Education

What Parents Need to Know About School Coronavirus Case Data


And we have information on Covid-19 cases, at least in the first weeks of school. So far, the numbers are small. In our data, as of Sunday, confirmed case rates in students are 0.073 percent and, in staff, 0.14 percent. That means, in a school of 1,350 students you’d expect one case every two weeks and, in a staff of 100, one case about every 14 weeks. These numbers are about three times as high if we include suspected cases.

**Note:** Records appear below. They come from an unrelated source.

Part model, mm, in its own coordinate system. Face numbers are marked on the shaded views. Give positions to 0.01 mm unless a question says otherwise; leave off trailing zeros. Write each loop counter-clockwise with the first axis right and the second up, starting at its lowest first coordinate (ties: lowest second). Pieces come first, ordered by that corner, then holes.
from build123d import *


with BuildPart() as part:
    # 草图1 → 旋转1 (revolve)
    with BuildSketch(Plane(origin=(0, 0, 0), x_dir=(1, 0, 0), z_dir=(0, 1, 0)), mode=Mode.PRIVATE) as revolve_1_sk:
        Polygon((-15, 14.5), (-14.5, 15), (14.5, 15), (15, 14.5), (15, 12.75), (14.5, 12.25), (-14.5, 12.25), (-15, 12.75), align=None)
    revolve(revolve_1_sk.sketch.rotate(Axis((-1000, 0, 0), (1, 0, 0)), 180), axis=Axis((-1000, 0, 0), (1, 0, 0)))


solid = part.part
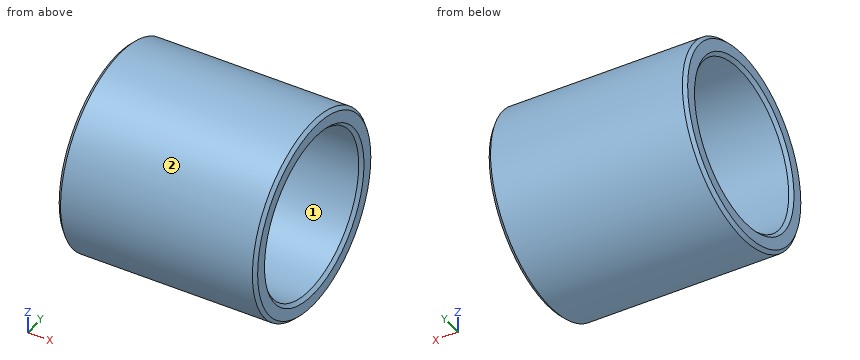
1) Saw through at C-C (x = -6.75). Write the cut outline in (y, z), and give its area (3 significant figures).
Check result:
outline: circle Ø30 at (0, 0); hole circle Ø24.5 at (0, 0)
area: 235 mm2
2) Mould opens along Y. For the marked faces 1 and 2 say: +Y half, -Y half, draft (parallel to the pull), parting line (faces both ways), or undercut.
Check result:
face 1: undercut
face 2: parting line
3) Flat gauge pins, fed straight in: P1, Ø5, axis at x = -10, y = -10, coming from the -Z side; P2, Ø5, axis at x = 8.5, y = -0.5, coming from the +Z side; P3, Ø6, axis at x = 1, z = 8, coming from the -Y side; P4, Ø8, axis at x = -9, y = -7, coming from the -Z side. Where does each tip first touch, or does it go through?
Check result:
P1: stops at z = -12.99
P2: stops at z = 15
P3: stops at y = -14.14
P4: stops at z = -14.7
4) Saw through at A-A (y = 0). Write the cut outline in (x, z), and give its area (3 significant figures).
Check result:
outline: (-15, -14.5) - (-14.5, -15) - (14.5, -15) - (15, -14.5) - (15, -12.75) - (14.5, -12.25) - (-14.5, -12.25) - (-15, -12.75) - close; (-15, 12.75) - (-14.5, 12.25) - (14.5, 12.25) - (15, 12.75) - (15, 14.5) - (14.5, 15) - (-14.5, 15) - (-15, 14.5) - close
area: 164 mm2
5) Drill centre lines: L1, parallel to Y at x = 8.5, z = 0; L2, parallel to Z at x = -1.25, y = -1.25; L3, parallel to Y at x = 13.75, z = 5. Where is each one in solid material? Low to high.
Check result:
L1: y = -15 to -12.25, 12.25 to 15
L2: z = -14.95 to -12.19, 12.19 to 14.95
L3: y = -14.14 to -11.18, 11.18 to 14.14

The top-line numbers are usually what people ask about first, but by starting with the context we can look at all sorts of additional information. For example: In some school districts, staff are working in person and students are not in person. Staff suspected and confirmed case rates in these schools look similar to schools that have students in person (although all are low), which suggests that staff may be spreading the coronavirus to each other, or these cases may be the result of general community spread. Another simple finding: Private schools in our data have lower infection rates, which seems to reflect, at least in part, their demographics and the fact that they do more mitigation.

Data with more context can also reveal the relative frequency of coronavirus prevention policies (masks are the most common, while routine staff testing is very uncommon) and give information on the use of different learning models. According to our data, 13 percent of schools have changed their learning model since the start of the school year. As the data grows, it will allow researchers — us and others — to analyze the relationship between prevention and outcomes. In our early analysis, limiting group sizes to under 25 seems to be the mitigation practice that is linked most strongly with low infection rates. Time and more data will help us learn whether this holds up.

As a parent, or as a school administrator, this data may give you more context for your own choices and encourage you to ask informed questions. What should I expect in a school like mine, if we open? What do “best practices” look like in general, and in my area? Information like this may be crucial to parents’ choices about their children, and schools’ choices about reopening.